Coach and Ally are probably the worst perpetrators.

If I had any doubts about whether or not this was something I wanted to go through with, hearing her talk now only solidified it. I want to show them we are happy, that Quinn is incredible, and prove to them that she’s more than just capable—she’s amazing.

“Well, then I guess it’s a good thing you’re living with your boyfriend. That way, they won’t think you’re asking for help,” I tell her with a wink, and she actually blushes.

The girl who’s choked on my cock and who I’ve licked every inch of her body is still nervous around me. I like that more than I should.

“Yeah, yeah,” she says with a laugh. “I really should go look through my stuff. I have to figure out what to wear for the first game, but I’m just too lazy.”

“I get that,” I tell her, laughing. My eye is starting to hurt, but I don’t tell her that. After, we both sit in silence on the couch, shifting and avoiding eye contact like we aren’t exactly sure what we’re supposed to do. Neither of us entirely knows what to say, as we’ve honestly never really “hung out” before, at least not in years.

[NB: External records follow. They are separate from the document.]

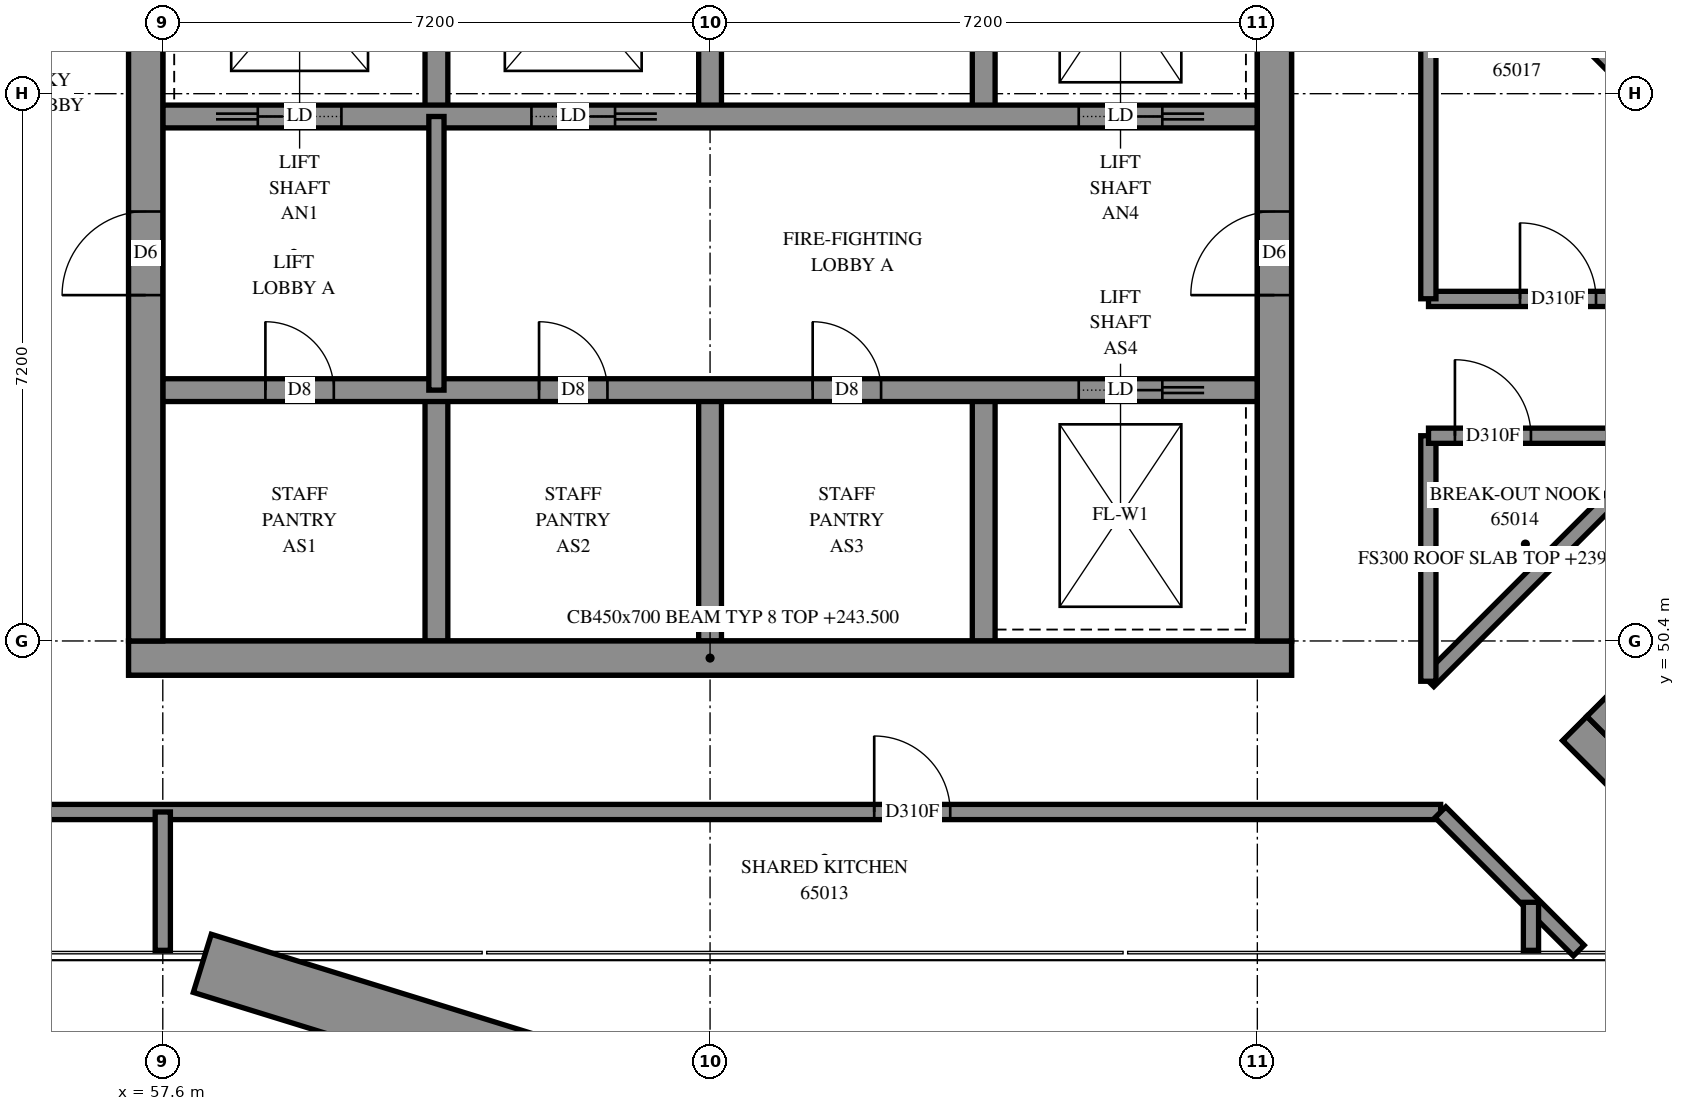
"""IFC4 building model, lengths in metres.
Left out: names, types, materials, properties, quantities, classifications, styles, units other than length and angle.
Written with IfcOpenShell. Run it as: python <this file> out.ifc"""

import sys

from ifc_helpers import new_model, si_unit, direction, frame, frame_2d, origin, place, context, subcontext, project, spatial, rectangle, extrude, element, fill, save


model = new_model("IFC4")
c1 = context("Model", 3, precision=1e-05, world=origin(), true_north=direction((0.0, 1.0)))
c2 = subcontext(c1, "Body", "Model", "MODEL_VIEW")
j1 = project(units=[si_unit("LENGTHUNIT", "METRE"), si_unit("PLANEANGLEUNIT", "RADIAN")], contexts=[c1])
p1 = place(None, origin())
s1 = spatial("IfcSite", under=j1, at=p1, CompositionType="ELEMENT")
p2 = place(p1, origin())
s2 = spatial("IfcBuilding", under=s1, at=p2, CompositionType="ELEMENT")
p3 = place(p2, frame((0.0, 0.0, 239.6)))
s3 = spatial("IfcBuildingStorey", under=s2, at=p3, CompositionType="ELEMENT", Elevation=239.6)
p4 = place(p3, frame((57.15, 50.175, -0.3), z_axis=(0.0, 0.0, 1.0), x_axis=(1.0, 0.0, 0.0)))
e1 = element("IfcWall", 1, at=p4, inside=s3, PredefinedType="SHEAR", context=c2, shape_type="SweptSolid", body=[
    extrude(rectangle(XDim=15.3, YDim=0.45, at=frame_2d((7.65, 0.0))), origin(), (0.0, 0.0, 1.0), 3.5),
])
p5 = place(p3, frame((57.375, 50.4, -0.3), z_axis=(0.0, 0.0, 1.0), x_axis=(0.0, 1.0, 0.0)))
e2 = element("IfcWall", 2, at=p5, inside=s3, PredefinedType="SHEAR", context=c2, shape_type="SweptSolid", body=[
    extrude(rectangle(XDim=14.4, YDim=0.45, at=frame_2d((7.2, 0.0))), origin(), (0.0, 0.0, 1.0), 3.5),
])
p6 = place(p5, frame((4.55, 0.0, 0.3)))
e3 = element("IfcOpeningElement", 3, at=p6, cuts=e2, PredefinedType="OPENING", context=c2, shape_type="SweptSolid", body=[
    extrude(rectangle(XDim=1.1, YDim=2.1, at=frame_2d((0.55, 1.05))), frame((0.0, 0.235, 0.0), z_axis=(0.0, -1.0, 0.0), x_axis=(1.0, 0.0, 0.0)), (0.0, 0.0, 1.0), 0.47),
])
p7 = place(p5, frame((11.35, 0.0, 0.3)))
e4 = element("IfcOpeningElement", 4, at=p7, cuts=e2, PredefinedType="OPENING", context=c2, shape_type="SweptSolid", body=[
    extrude(rectangle(XDim=1.1, YDim=2.1, at=frame_2d((0.55, 1.05))), frame((0.0, 0.235, 0.0), z_axis=(0.0, -1.0, 0.0), x_axis=(1.0, 0.0, 0.0)), (0.0, 0.0, 1.0), 0.47),
])
p8 = place(p3, frame((72.225, 50.4, -0.3), z_axis=(0.0, 0.0, 1.0), x_axis=(0.0, 1.0, 0.0)))
e5 = element("IfcWall", 5, at=p8, inside=s3, PredefinedType="SHEAR", context=c2, shape_type="SweptSolid", body=[
    extrude(rectangle(XDim=14.4, YDim=0.45, at=frame_2d((7.2, 0.0))), origin(), (0.0, 0.0, 1.0), 3.5),
])
p9 = place(p8, frame((4.55, 0.0, 0.3)))
e6 = element("IfcOpeningElement", 6, at=p9, cuts=e5, PredefinedType="OPENING", context=c2, shape_type="SweptSolid", body=[
    extrude(rectangle(XDim=1.1, YDim=2.1, at=frame_2d((0.55, 1.05))), frame((0.0, 0.235, 0.0), z_axis=(0.0, -1.0, 0.0), x_axis=(1.0, 0.0, 0.0)), (0.0, 0.0, 1.0), 0.47),
])
p10 = place(p8, frame((11.35, 0.0, 0.3)))
e7 = element("IfcOpeningElement", 7, at=p10, cuts=e5, PredefinedType="OPENING", context=c2, shape_type="SweptSolid", body=[
    extrude(rectangle(XDim=1.1, YDim=2.1, at=frame_2d((0.55, 1.05))), frame((0.0, 0.235, 0.0), z_axis=(0.0, -1.0, 0.0), x_axis=(1.0, 0.0, 0.0)), (0.0, 0.0, 1.0), 0.47),
])
for number, where, z_axis, x_axis in (
    (8, (61.2, 50.4, 0.0), (0.0, 0.0, 1.0), (0.0, 1.0, 0.0)),
    (9, (61.2, 57.3, 0.0), (0.0, 0.0, 1.0), (0.0, 1.0, 0.0)),
    (10, (64.8, 50.4, 0.0), (0.0, 0.0, 1.0), (0.0, 1.0, 0.0)),
    (11, (64.8, 57.3, 0.0), (0.0, 0.0, 1.0), (0.0, 1.0, 0.0)),
    (12, (68.4, 50.4, 0.0), (0.0, 0.0, 1.0), (0.0, 1.0, 0.0)),
    (13, (68.4, 57.3, 0.0), (0.0, 0.0, 1.0), (0.0, 1.0, 0.0)),
):
    element("IfcWall", number, at=place(p3, frame(where, z_axis=z_axis, x_axis=x_axis)), inside=s3, PredefinedType="SOLIDWALL", context=c2, shape_type="SweptSolid", body=[
        extrude(rectangle(XDim=3.3, YDim=0.3, at=frame_2d((1.65, 0.0))), origin(), (0.0, 0.0, 1.0), 3.9),
    ])
p11 = place(p3, frame((57.6, 53.7, 0.0), z_axis=(0.0, 0.0, 1.0), x_axis=(1.0, 0.0, 0.0)))
e14 = element("IfcWall", 14, at=p11, inside=s3, PredefinedType="SOLIDWALL", context=c2, shape_type="SweptSolid", body=[
    extrude(rectangle(XDim=14.4, YDim=0.3, at=frame_2d((7.2, 0.0))), origin(), (0.0, 0.0, 1.0), 3.9),
])
p12 = place(p11, frame((1.35, 0.0, 0.0)))
e15 = element("IfcOpeningElement", 15, at=p12, cuts=e14, PredefinedType="OPENING", context=c2, shape_type="SweptSolid", body=[
    extrude(rectangle(XDim=0.9, YDim=2.1, at=frame_2d((0.45, 1.05))), frame((0.0, 0.16, 0.0), z_axis=(0.0, -1.0, 0.0), x_axis=(1.0, 0.0, 0.0)), (0.0, 0.0, 1.0), 0.32),
])
p13 = place(p11, frame((4.95, 0.0, 0.0)))
e16 = element("IfcOpeningElement", 16, at=p13, cuts=e14, PredefinedType="OPENING", context=c2, shape_type="SweptSolid", body=[
    extrude(rectangle(XDim=0.9, YDim=2.1, at=frame_2d((0.45, 1.05))), frame((0.0, 0.16, 0.0), z_axis=(0.0, -1.0, 0.0), x_axis=(1.0, 0.0, 0.0)), (0.0, 0.0, 1.0), 0.32),
])
p14 = place(p11, frame((8.55, 0.0, 0.0)))
e17 = element("IfcOpeningElement", 17, at=p14, cuts=e14, PredefinedType="OPENING", context=c2, shape_type="SweptSolid", body=[
    extrude(rectangle(XDim=0.9, YDim=2.1, at=frame_2d((0.45, 1.05))), frame((0.0, 0.16, 0.0), z_axis=(0.0, -1.0, 0.0), x_axis=(1.0, 0.0, 0.0)), (0.0, 0.0, 1.0), 0.32),
])
p15 = place(p11, frame((12.05, 0.0, 0.0)))
e18 = element("IfcOpeningElement", 18, at=p15, cuts=e14, PredefinedType="OPENING", context=c2, shape_type="SweptSolid", body=[
    extrude(rectangle(XDim=1.1, YDim=2.1, at=frame_2d((0.55, 1.05))), frame((0.0, 0.16, 0.0), z_axis=(0.0, -1.0, 0.0), x_axis=(1.0, 0.0, 0.0)), (0.0, 0.0, 1.0), 0.32),
])
p16 = place(p3, frame((57.6, 57.3, 0.0), z_axis=(0.0, 0.0, 1.0), x_axis=(1.0, 0.0, 0.0)))
e19 = element("IfcWall", 19, at=p16, inside=s3, PredefinedType="SOLIDWALL", context=c2, shape_type="SweptSolid", body=[
    extrude(rectangle(XDim=14.4, YDim=0.3, at=frame_2d((7.2, 0.0))), origin(), (0.0, 0.0, 1.0), 3.9),
])
p17 = place(p16, frame((1.25, 0.0, 0.0)))
e20 = element("IfcOpeningElement", 20, at=p17, cuts=e19, PredefinedType="OPENING", context=c2, shape_type="SweptSolid", body=[
    extrude(rectangle(XDim=1.1, YDim=2.1, at=frame_2d((0.55, 1.05))), frame((0.0, 0.16, 0.0), z_axis=(0.0, -1.0, 0.0), x_axis=(1.0, 0.0, 0.0)), (0.0, 0.0, 1.0), 0.32),
])
p18 = place(p16, frame((4.85, 0.0, 0.0)))
e21 = element("IfcOpeningElement", 21, at=p18, cuts=e19, PredefinedType="OPENING", context=c2, shape_type="SweptSolid", body=[
    extrude(rectangle(XDim=1.1, YDim=2.1, at=frame_2d((0.55, 1.05))), frame((0.0, 0.16, 0.0), z_axis=(0.0, -1.0, 0.0), x_axis=(1.0, 0.0, 0.0)), (0.0, 0.0, 1.0), 0.32),
])
p19 = place(p16, frame((12.05, 0.0, 0.0)))
e22 = element("IfcOpeningElement", 22, at=p19, cuts=e19, PredefinedType="OPENING", context=c2, shape_type="SweptSolid", body=[
    extrude(rectangle(XDim=1.1, YDim=2.1, at=frame_2d((0.55, 1.05))), frame((0.0, 0.16, 0.0), z_axis=(0.0, -1.0, 0.0), x_axis=(1.0, 0.0, 0.0)), (0.0, 0.0, 1.0), 0.32),
])
p20 = place(p3, frame((76.177, 49.249, -0.3), z_axis=(0.0, 0.0, 1.0), x_axis=(0.7071100491, -0.7071035132, 0.0)))
e23 = element("IfcWall", 23, at=p20, inside=s3, PredefinedType="SHEAR", context=c2, shape_type="SweptSolid", body=[
    extrude(rectangle(XDim=15.3, YDim=0.45, at=frame_2d((7.65, 0.0))), origin(), (0.0, 0.0, 1.0), 3.5),
])
p21 = place(p3, frame((76.495, 49.249, -0.3), z_axis=(0.0, 0.0, 1.0), x_axis=(0.7071067812, 0.7071067812, 0.0)))
e24 = element("IfcWall", 24, at=p21, inside=s3, PredefinedType="SHEAR", context=c2, shape_type="SweptSolid", body=[
    extrude(rectangle(XDim=14.4, YDim=0.45, at=frame_2d((7.2, 0.0))), origin(), (0.0, 0.0, 1.0), 3.5),
])
p22 = place(p21, frame((4.55, 0.0, 0.3)))
e25 = element("IfcOpeningElement", 25, at=p22, cuts=e24, PredefinedType="OPENING", context=c2, shape_type="SweptSolid", body=[
    extrude(rectangle(XDim=1.1, YDim=2.1, at=frame_2d((0.55, 1.05))), frame((0.0, 0.235, 0.0), z_axis=(0.0, -1.0, 0.0), x_axis=(1.0, 0.0, 0.0)), (0.0, 0.0, 1.0), 0.47),
])
p23 = place(p21, frame((11.35, 0.0, 0.3)))
e26 = element("IfcOpeningElement", 26, at=p23, cuts=e24, PredefinedType="OPENING", context=c2, shape_type="SweptSolid", body=[
    extrude(rectangle(XDim=1.1, YDim=2.1, at=frame_2d((0.55, 1.05))), frame((0.0, 0.235, 0.0), z_axis=(0.0, -1.0, 0.0), x_axis=(1.0, 0.0, 0.0)), (0.0, 0.0, 1.0), 0.47),
])
p24 = place(p3, frame((62.8, 44.712, 0.0), z_axis=(0.0, 0.0, 1.0), x_axis=(-0.9553591731, 0.2954468656, 0.0)))
e27 = element("IfcWall", 27, at=p24, inside=s3, PredefinedType="SOLIDWALL", context=c2, shape_type="SweptSolid", body=[
    extrude(rectangle(XDim=4.899, YDim=0.8, at=frame_2d((2.449, 0.0))), origin(), (0.0, 0.0, 1.0), 0.65),
])
p25 = place(p3, frame((61.2, 53.7, 0.0), z_axis=(0.0, 0.0, 1.0), x_axis=(0.0, 1.0, 0.0)))
e28 = element("IfcWall", 28, at=p25, inside=s3, PredefinedType="PARTITIONING", context=c2, shape_type="SweptSolid", body=[
    extrude(rectangle(XDim=3.6, YDim=0.2, at=frame_2d((1.8, 0.0))), origin(), (0.0, 0.0, 1.0), 3.9),
])
p26 = place(p3, frame((55.352, 48.15, 0.0), z_axis=(0.0, 0.0, 1.0), x_axis=(1.0, 0.0, 0.0)))
e29 = element("IfcWall", 29, at=p26, inside=s3, PredefinedType="PARTITIONING", context=c2, shape_type="SweptSolid", body=[
    extrude(rectangle(XDim=19.06, YDim=0.2, at=frame_2d((9.53, 0.0))), origin(), (0.0, 0.0, 1.0), 3.9),
])
p27 = place(p26, frame((11.608, 0.0, 0.0)))
e30 = element("IfcOpeningElement", 30, at=p27, cuts=e29, PredefinedType="OPENING", context=c2, shape_type="SweptSolid", body=[
    extrude(rectangle(XDim=1.0, YDim=2.1, at=frame_2d((0.5, 1.05))), frame((0.0, 0.11, 0.0), z_axis=(0.0, -1.0, 0.0), x_axis=(1.0, 0.0, 0.0)), (0.0, 0.0, 1.0), 0.22),
])
p28 = place(p3, frame((74.252, 54.9, 0.0), z_axis=(0.0, 0.0, 1.0), x_axis=(1.0, 0.0, 0.0)))
e31 = element("IfcWall", 31, at=p28, inside=s3, PredefinedType="PARTITIONING", context=c2, shape_type="SweptSolid", body=[
    extrude(rectangle(XDim=5.5, YDim=0.2, at=frame_2d((2.75, 0.0))), origin(), (0.0, 0.0, 1.0), 3.9),
])
p29 = place(p28, frame((1.204, 0.0, 0.0)))
e32 = element("IfcOpeningElement", 32, at=p29, cuts=e31, PredefinedType="OPENING", context=c2, shape_type="SweptSolid", body=[
    extrude(rectangle(XDim=1.0, YDim=2.1, at=frame_2d((0.5, 1.05))), frame((0.0, 0.11, 0.0), z_axis=(0.0, -1.0, 0.0), x_axis=(1.0, 0.0, 0.0)), (0.0, 0.0, 1.0), 0.22),
])
p30 = place(p3, frame((74.25, 54.902, 0.0), z_axis=(0.0, 0.0, 1.0), x_axis=(0.0, 1.0, 0.0)))
e33 = element("IfcWall", 33, at=p30, inside=s3, PredefinedType="PARTITIONING", context=c2, shape_type="SweptSolid", body=[
    extrude(rectangle(XDim=5.5, YDim=0.2, at=frame_2d((2.75, 0.0))), origin(), (0.0, 0.0, 1.0), 3.9),
])
p31 = place(p3, frame((74.251, 49.87, 0.0), z_axis=(0.0, 0.0, 1.0), x_axis=(0.7071067812, 0.7071067812, 0.0)))
e34 = element("IfcWall", 34, at=p31, inside=s3, PredefinedType="PARTITIONING", context=c2, shape_type="SweptSolid", body=[
    extrude(rectangle(XDim=4.565, YDim=0.2, at=frame_2d((2.283, 0.0))), origin(), (0.0, 0.0, 1.0), 3.9),
])
p32 = place(p3, frame((74.447, 60.201, 0.0), z_axis=(0.0, 0.0, 1.0), x_axis=(0.7071067812, -0.7071067812, 0.0)))
e35 = element("IfcWall", 35, at=p32, inside=s3, PredefinedType="PARTITIONING", context=c2, shape_type="SweptSolid", body=[
    extrude(rectangle(XDim=4.384, YDim=0.2, at=frame_2d((2.192, 0.0))), origin(), (0.0, 0.0, 1.0), 3.9),
])
p33 = place(p3, frame((74.25, 49.87, 0.0), z_axis=(0.0, 0.0, 1.0), x_axis=(0.0, 1.0, 0.0)))
e36 = element("IfcWall", 36, at=p33, inside=s3, PredefinedType="PARTITIONING", context=c2, shape_type="SweptSolid", body=[
    extrude(rectangle(XDim=3.23, YDim=0.2, at=frame_2d((1.615, 0.0))), origin(), (0.0, 0.0, 1.0), 3.9),
])
p34 = place(p3, frame((74.252, 53.1, 0.0), z_axis=(0.0, 0.0, 1.0), x_axis=(1.0, 0.0, 0.0)))
e37 = element("IfcWall", 37, at=p34, inside=s3, PredefinedType="PARTITIONING", context=c2, shape_type="SweptSolid", body=[
    extrude(rectangle(XDim=3.228, YDim=0.2, at=frame_2d((1.614, 0.0))), origin(), (0.0, 0.0, 1.0), 3.9),
])
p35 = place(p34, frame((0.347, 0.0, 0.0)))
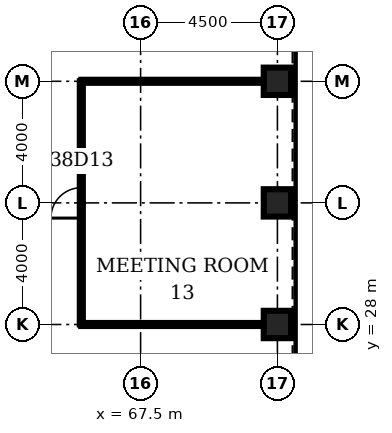
"""IFC4 building model, lengths in metres.
Left out: names, types, materials, properties, quantities, classifications, styles, units other than length and angle.
Written with IfcOpenShell. Run it as: python <this file> out.ifc"""

import sys

from ifc_helpers import new_model, si_unit, direction, frame, frame_2d, origin, origin_2d, place, context, subcontext, project, spatial, rectangle, hollow_rectangle, extrude, element, fill, save


model = new_model("IFC4")
c1 = context("Model", 3, precision=1e-05, world=origin(), true_north=direction((0.0, 1.0)))
c2 = subcontext(c1, "Body", "Model", "MODEL_VIEW")
j1 = project(units=[si_unit("LENGTHUNIT", "METRE"), si_unit("PLANEANGLEUNIT", "RADIAN")], contexts=[c1])
p1 = place(None, origin())
s1 = spatial("IfcSite", under=j1, at=p1, CompositionType="ELEMENT")
p2 = place(p1, origin())
s2 = spatial("IfcBuilding", under=s1, at=p2, CompositionType="ELEMENT")
p3 = place(p2, frame((0.0, 0.0, 171.9)))
s3 = spatial("IfcBuildingStorey", under=s2, at=p3, CompositionType="ELEMENT", Elevation=171.9)
for number, where, z_axis, x_axis in (
    (1, (72.0, 28.0, 0.0), (0.0, 0.0, 1.0), (1.0, 0.0, 0.0)),
    (2, (72.0, 32.0, 0.0), (0.0, 0.0, 1.0), (1.0, 0.0, 0.0)),
    (3, (72.0, 36.0, 0.0), (0.0, 0.0, 1.0), (1.0, 0.0, 0.0)),
):
    element("IfcColumn", number, at=place(p3, frame(where, z_axis=z_axis, x_axis=x_axis)), inside=s3, PredefinedType="COLUMN", context=c2, shape_type="SweptSolid", body=[
        extrude(hollow_rectangle(XDim=0.9, YDim=0.9, WallThickness=0.09, at=origin_2d()), origin(), (0.0, 0.0, 1.0), 4.2),
    ])
for number, where, z_axis, x_axis in (
    (4, (65.55, 28.0, 0.0), (0.0, 0.0, 1.0), (1.0, 0.0, 0.0)),
    (5, (65.55, 36.0, 0.0), (0.0, 0.0, 1.0), (1.0, 0.0, 0.0)),
):
    element("IfcWall", number, at=place(p3, frame(where, z_axis=z_axis, x_axis=x_axis)), inside=s3, PredefinedType="PARTITIONING", context=c2, shape_type="SweptSolid", body=[
        extrude(rectangle(XDim=6.0, YDim=0.1, at=frame_2d((3.0, 0.0))), origin(), (0.0, 0.0, 1.0), 3.0),
    ])
p4 = place(p3, frame((65.55, 28.0, 0.0), z_axis=(0.0, 0.0, 1.0), x_axis=(0.0, 1.0, 0.0)))
e6 = element("IfcWall", 6, at=p4, inside=s3, PredefinedType="PARTITIONING", context=c2, shape_type="SweptSolid", body=[
    extrude(rectangle(XDim=8.0, YDim=0.1, at=frame_2d((4.0, 0.0))), origin(), (0.0, 0.0, 1.0), 3.0),
])
p5 = place(p4, frame((3.5, 0.0, 0.0)))
e7 = element("IfcOpeningElement", 7, at=p5, cuts=e6, PredefinedType="OPENING", context=c2, shape_type="SweptSolid", body=[
    extrude(rectangle(XDim=1.0, YDim=2.1, at=frame_2d((0.5, 1.05))), frame((0.0, 0.06, 0.0), z_axis=(0.0, -1.0, 0.0), x_axis=(1.0, 0.0, 0.0)), (0.0, 0.0, 1.0), 0.12),
])
p6 = place(p5, origin())
e8 = element("IfcDoor", 8, at=p6, inside=s3, OperationType="SINGLE_SWING_LEFT", PredefinedType="DOOR", context=c2, shape_type="SweptSolid", body=[
    extrude(rectangle(XDim=1.0, YDim=2.1, at=frame_2d((0.5, 1.05))), frame((0.0, 0.025, 0.0), z_axis=(0.0, -1.0, 0.0), x_axis=(1.0, 0.0, 0.0)), (0.0, 0.0, 1.0), 0.05),
])
fill(e7, e8)
save(model, sys.argv[1])

Not since we were younger. We used to hang out all the time, but that was before everything happened. After that, we lost touch for a while, only seeing each other when we were in the same place at the same time, mostly for family events, and never intentionally.

Until Ally and I split.

One night I was out with the team and ran into Quinn at a bar. She ended up coming over and hanging out with us and meeting the guys.

A lot of tequila later and a few rounds of truth or dare with the guys, with quite a fewvery pointedquestions our way, I learned just how adventurous she was…in and out of the bedroom. It’s always been a challenge for me to find someone who I am sexually compatible with because my tastes can be a little too much for some people.

I’m not talking whips and chains or, like, a red room of fun or anything. I just like what I like, and what I like is being in control. I always have, both in and out of the bedroom. People used to joke and call me type A, but I think it was more than that. When I was a kid, I was put in therapy after I started asking questions about why my parents left. My therapist was great, asked a lot of questions, and I ended up seeing him for a couple of years.

I still remember one day he told me that I liked to control things around me, not because I was mean, but merely because I hated losing my parents and had no control over it. It felt hopeless, and I hated it.